Saltalamacchia holds his ground

Despite the commission’s decision, Saltalamachhia is standing by his conviction that Cox deserved his disqualification, particularly in regard to the two strikes for hate speech. 

Saltalamacchia confirmed Friday that he already began the process of appealing the commission’s decision to the ASUA Supreme Court. 

“You look at rules and you read them black and white, or you look at rules and you interpret them,” Saltalamacchia said. “I mean, you see the evidence. There’s been testimony on all of the accounts that he has been striked against. So we can choose to ignore that and we can play by a child’s game, or we can play by the rules that make it fair.” 

Saltalamachhia, who was outspoken on the subject since he filed the complaint on Tuesday, has been leading a social media campaign against Cox. The campaign mostly consists of a video he recorded Tuesday, which accuses Cox of, among other things such as illegal campaign tactics, telling potential voters to not vote for a “cross dresser.”

The third complaint and its attached documents obtained by the Daily Wildcat outline the circumstances under which Cox is accused of illegally collecting votes and saying harassing remarks. 

The complaint states that Cox was being escorted through the Kappa Alpha Theta sorority house during lunch on Tuesday by one of the sorority members.
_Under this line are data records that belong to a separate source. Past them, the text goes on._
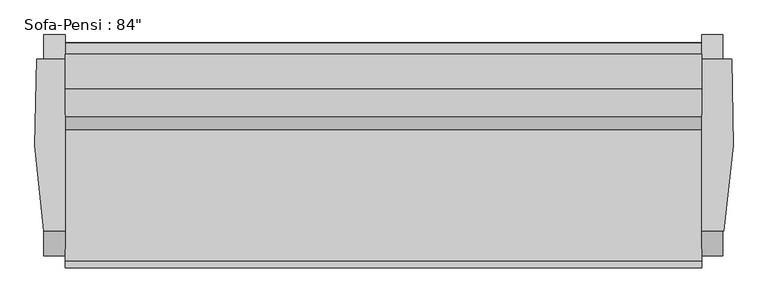
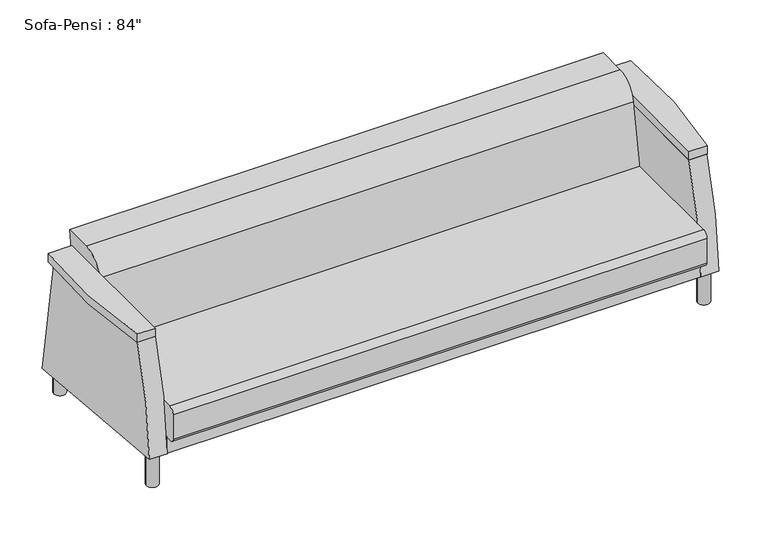
"""IFC4 building model written with IfcOpenShell, lengths in millimetres: furniture geometry."""

from ifc_helpers import new_model, si_unit, point, frame, frame_2d, origin, origin_with_axes, place, context, project, spatial, polyline, circle_curve, trimmed, segment, composite_curve, outline, extrude, source, transform, mapped, element, save


def furniture_1a2ca15e(model_context):
    return source(origin(), model_context, "Body", "SweptSolid", [
        extrude(outline(composite_curve([segment(trimmed(circle_curve(frame_2d((-902.49375, -53.0901639)), 25.4), [point((-927.89375, -53.0901639))], [point((-877.09375, -53.0901639))], False, "CARTESIAN"), True, "CONTINUOUS"), segment(trimmed(circle_curve(frame_2d((-902.49375, -53.0901639)), 25.4), [point((-877.09375, -53.0901639))], [point((-927.89375, -53.0901639))], False, "CARTESIAN"), True, "CONTINUOUS")], self_intersect=False)), origin_with_axes(), (0.0, 0.0, 1.0), 148.43125),
        extrude(outline(composite_curve([segment(trimmed(circle_curve(frame_2d((-902.49375, 632.7098361)), 25.4), [point((-927.89375, 632.7098361))], [point((-877.09375, 632.7098361))], False, "CARTESIAN"), True, "CONTINUOUS"), segment(trimmed(circle_curve(frame_2d((-902.49375, 632.7098361)), 25.4), [point((-877.09375, 632.7098361))], [point((-927.89375, 632.7098361))], False, "CARTESIAN"), True, "CONTINUOUS")], self_intersect=False)), origin_with_axes(), (0.0, 0.0, 1.0), 148.43125),
        extrude(outline(composite_curve([segment(trimmed(circle_curve(frame_2d((1459.70625, 632.7098361)), 25.4), [point((1434.30625, 632.7098361))], [point((1485.10625, 632.7098361))], False, "CARTESIAN"), True, "CONTINUOUS"), segment(trimmed(circle_curve(frame_2d((1459.70625, 632.7098361)), 25.4), [point((1485.10625, 632.7098361))], [point((1434.30625, 632.7098361))], False, "CARTESIAN"), True, "CONTINUOUS")], self_intersect=False)), origin_with_axes(), (0.0, 0.0, 1.0), 148.43125),
        extrude(outline(composite_curve([segment(trimmed(circle_curve(frame_2d((1459.70625, -53.0901639)), 25.4), [point((1434.30625, -53.0901639))], [point((1485.10625, -53.0901639))], False, "CARTESIAN"), True, "CONTINUOUS"), segment(trimmed(circle_curve(frame_2d((1459.70625, -53.0901639)), 25.4), [point((1485.10625, -53.0901639))], [point((1434.30625, -53.0901639))], False, "CARTESIAN"), True, "CONTINUOUS")], self_intersect=False)), origin_with_axes(), (0.0, 0.0, 1.0), 148.43125),
        extrude(outline(polyline([(1421.60625, 668.3047863), (1421.60625, -93.6952137), (-864.39375, -93.6952137), (-864.39375, 668.3047863), (1421.60625, 668.3047863)])), frame((0.0, 0.0, 148.0509954), z_axis=(0.0, 0.0, 1.0), x_axis=(1.0, 0.0, 0.0)), (0.0, 0.0, 1.0), 76.2),
        extrude(outline(composite_curve([segment(polyline([(-9.3943348, 626.0203985), (608.6917937, 626.0203985), (696.2098361, 79.844579), (-97.7900405, 149.3105671)]), True, "CONTINUOUS"), segment(trimmed(circle_curve(frame_2d((1499.9783711, 99.5888442)), 1598.5418814), [point((-97.7900405, 149.3105671))], [point((-9.3943348, 626.0203985))], False, "CARTESIAN"), True, "CONTINUOUS")], self_intersect=False)), frame((-940.59375, 0.0, 0.0), z_axis=(1.0, 0.0, 0.0), x_axis=(0.0, 1.0, 0.0)), (0.0, 0.0, 1.0), 76.2),
        extrude(outline(composite_curve([segment(polyline([(696.2098361, 79.844579), (-97.7900405, 149.3105671)]), True, "CONTINUOUS"), segment(trimmed(circle_curve(frame_2d((1499.9783711, 99.5888442)), 1598.5418814), [point((-97.7900405, 149.3105671))], [point((-9.3943348, 626.0203985))], False, "CARTESIAN"), True, "CONTINUOUS"), segment(polyline([(-9.3943348, 626.0203985), (608.6917937, 626.0203985), (696.2098361, 79.844579)]), True, "CONTINUOUS")], self_intersect=False)), frame((1421.60625, 0.0, 0.0), z_axis=(1.0, 0.0, 0.0), x_axis=(0.0, 1.0, 0.0)), (0.0, 0.0, 1.0), 76.2),
        extrude(outline(composite_curve([segment(trimmed(circle_curve(frame_2d((-116.5901639, 351.2509954)), 25.4), [point((-141.9901639, 351.2509954))], [point((-116.5901639, 376.6509954))], False, "CARTESIAN"), True, "CONTINUOUS"), segment(polyline([(-116.5901639, 376.6509954), (355.3895541, 376.6509954), (402.1988177, 642.1195211)]), True, "CONTINUOUS"), segment(trimmed(circle_curve(frame_2d((502.2552854, 624.4768662)), 101.6), [point((402.1988177, 642.1195211))], [point((502.2552854, 726.0768662))], False, "CARTESIAN"), True, "CONTINUOUS"), segment(polyline([(502.2552854, 726.0768662), (626.3344485, 726.0768662), (609.5377828, 620.1719187), (667.6541767, 224.2509954), (-126.1151639, 224.2509954)]), True, "CONTINUOUS"), segment(trimmed(circle_curve(frame_2d((-126.1151639, 240.1259954)), 15.875), [point((-126.1151639, 224.2509954))], [point((-141.9901639, 240.1259954))], False, "CARTESIAN"), True, "CONTINUOUS"), segment(polyline([(-141.9901639, 240.1259954), (-141.9901639, 351.2509954)]), True, "CONTINUOUS")], self_intersect=False)), frame((-864.39375, 0.0, 0.0), z_axis=(1.0, 0.0, 0.0), x_axis=(0.0, 1.0, 0.0)), (0.0, 0.0, 1.0), 2286.0),
        extrude(outline(composite_curve([segment(polyline([(-864.39375, -9.3943348), (-940.59375, -9.3943348)]), True, "CONTINUOUS"), segment(trimmed(circle_curve(frame_2d((1531.9527561, 401.7789315)), 2506.5014821), [point((-940.59375, -9.3943348))], [point((-965.99375, 608.6917935))], False, "CARTESIAN"), True, "CONTINUOUS"), segment(polyline([(-965.99375, 608.6917935), (-864.39375, 608.6917935), (-864.39375, -9.3943348)]), True, "CONTINUOUS")], self_intersect=False)), frame((0.0, 0.0, 626.0203985), z_axis=(0.0, 0.0, 1.0), x_axis=(1.0, 0.0, 0.0)), (0.0, 0.0, 1.0), 38.1),
        extrude(outline(composite_curve([segment(polyline([(1421.60625, -9.3943348), (1421.60625, 608.9395268), (1530.2864453, 608.9395268)]), True, "CONTINUOUS"), segment(trimmed(circle_curve(frame_2d((-973.7771494, 421.9725391)), 2511.0338789), [point((1530.2864453, 608.9395268))], [point((1499.9273117, -9.3943348))], False, "CARTESIAN"), True, "CONTINUOUS"), segment(polyline([(1499.9273117, -9.3943348), (1421.60625, -9.3943348)]), True, "CONTINUOUS")], self_intersect=False)), frame((0.0, 0.0, 626.0203985), z_axis=(0.0, 0.0, 1.0), x_axis=(1.0, 0.0, 0.0)), (0.0, 0.0, 1.0), 38.1),
    ])


if __name__ == "__main__":
    model = new_model("IFC4")
    model_context = context("Model", 3, world=origin())
    ifc_project = project(units=[si_unit("LENGTHUNIT", "METRE", prefix="MILLI")], contexts=[model_context])
    site = spatial("IfcSite", under=ifc_project)
    building = spatial("IfcBuilding", under=site)
    placement = place(None, origin())
    furniture_shape = furniture_1a2ca15e(model_context)
    element("IfcFurniture", 1, ObjectType="Sofa-Pensi : 84\"", at=placement, inside=building, context=model_context, shape_type="MappedRepresentation", body=[
        mapped(furniture_shape, transform((0.0, 0.0, 0.0), x_axis=(1.0, 0.0, 0.0), y_axis=(0.0, 1.0, 0.0), z_axis=(0.0, 0.0, 1.0))),
    ])
    save(model, "model.ifc")

# Revit data of these elements
# Type "Sofa-Pensi : 84\""
#   Assembly Code = "E2020200"
#   Length = 8' - 0"
#   Frame Material = Cherry
#   Seat Material = Linen, Beige
#   Feet Material = Steel, Chrome Plated
#   Default Elevation = 0
# Element 1 (IfcFurniture, "Sofa-Pensi : 84\"")
#   Materials on its faces: "Cherry", "Linen, Beige", "Steel, Chrome Plated"
# Materials
#   "Cherry": class "Wood", colour RGB 226 177 128, transparency 0, Description = "Prunus Serotina", Cost = 0
#   "Linen, Beige": class "Textile", colour RGB 249 239 230, transparency 0, Description = "Linen, beige", Cost = 0
#   "Steel, Chrome Plated": class "Metal", colour RGB 17 17 17, transparency 0, Description = "Chromiuim plated steel", Cost = 0

It goes on to say that he was walking around with a cell phone opened to the ASUA voting link and asking girls to sign in and vote for him. 

According to the complaint, one of the girls he approached asked Cox if this was allowed, to which he said, “I mean, are you going to report me?” 

The girl accompanying him, according to the complaint, then said: “It’s totally legal … if you don’t report it.”

The attached documents — two emails with redacted (withheld) addresses — are where the complaints of “homophobic” remarks come in to the picture. Both emails, one of which including a photo of a handwritten statement, reference the same remarks in similar situations.   

Christine Hall, a junior studying neuroscience and cognitive science, is the Kappa Alpha Theta member who escorted Cox through the house that day. 

“I cant imagine why an allegation like that would be brought against Trey,” Hall said. “And it truly disheartens me that this kind of information has been brought forward because it is false.”

Despite Saltalamacchia’s tireless conviction that Cox did make the remarks, Saltalamacchia said he would like the opportunity to sit down with Cox.

“I’m very open to the idea of sitting down and having a conversation with him,” Saltalamacchia said. “I think it’s a humbling experience to admit when you’re wrong, but at the same time, it’s a real humbling experience to be received when you’re wrong. I’d shake his hand, give him a hug, whatever he’s comfortable with.” 

Possible appeal of the presidential results 

In addition to the fight of the executive presidential seat, the appeals may be spilling over in to the presidential race. 

Hannah White, who lost to opponent Mikey Finnegan on Wednesday night for the presidential seat, has expressed interest in filing an appeal with the elections commission as well. 

White told the Daily Wildcat via text message that she was considering this option “because of what’s happened through this whole process.”

“I think it’s important for people to be held accountable for their actions,” White wrote.

White added that she will not stop fighting until “the student body’s voices are heard and [there] is justice, with or without the help of ASUA.” 

White declined to comment further on the actions she referred to in the message. 

Ali Gates, ASUA deputy elections commissioner, said White has expressed interest to the commission in filing some sort of appeal, but has not formally done so as of yet. Gates added that White has yet to go through the complaints process that is required to formally appeal to the commission. 

The Daily Wildcat will continue updates as more information becomes available.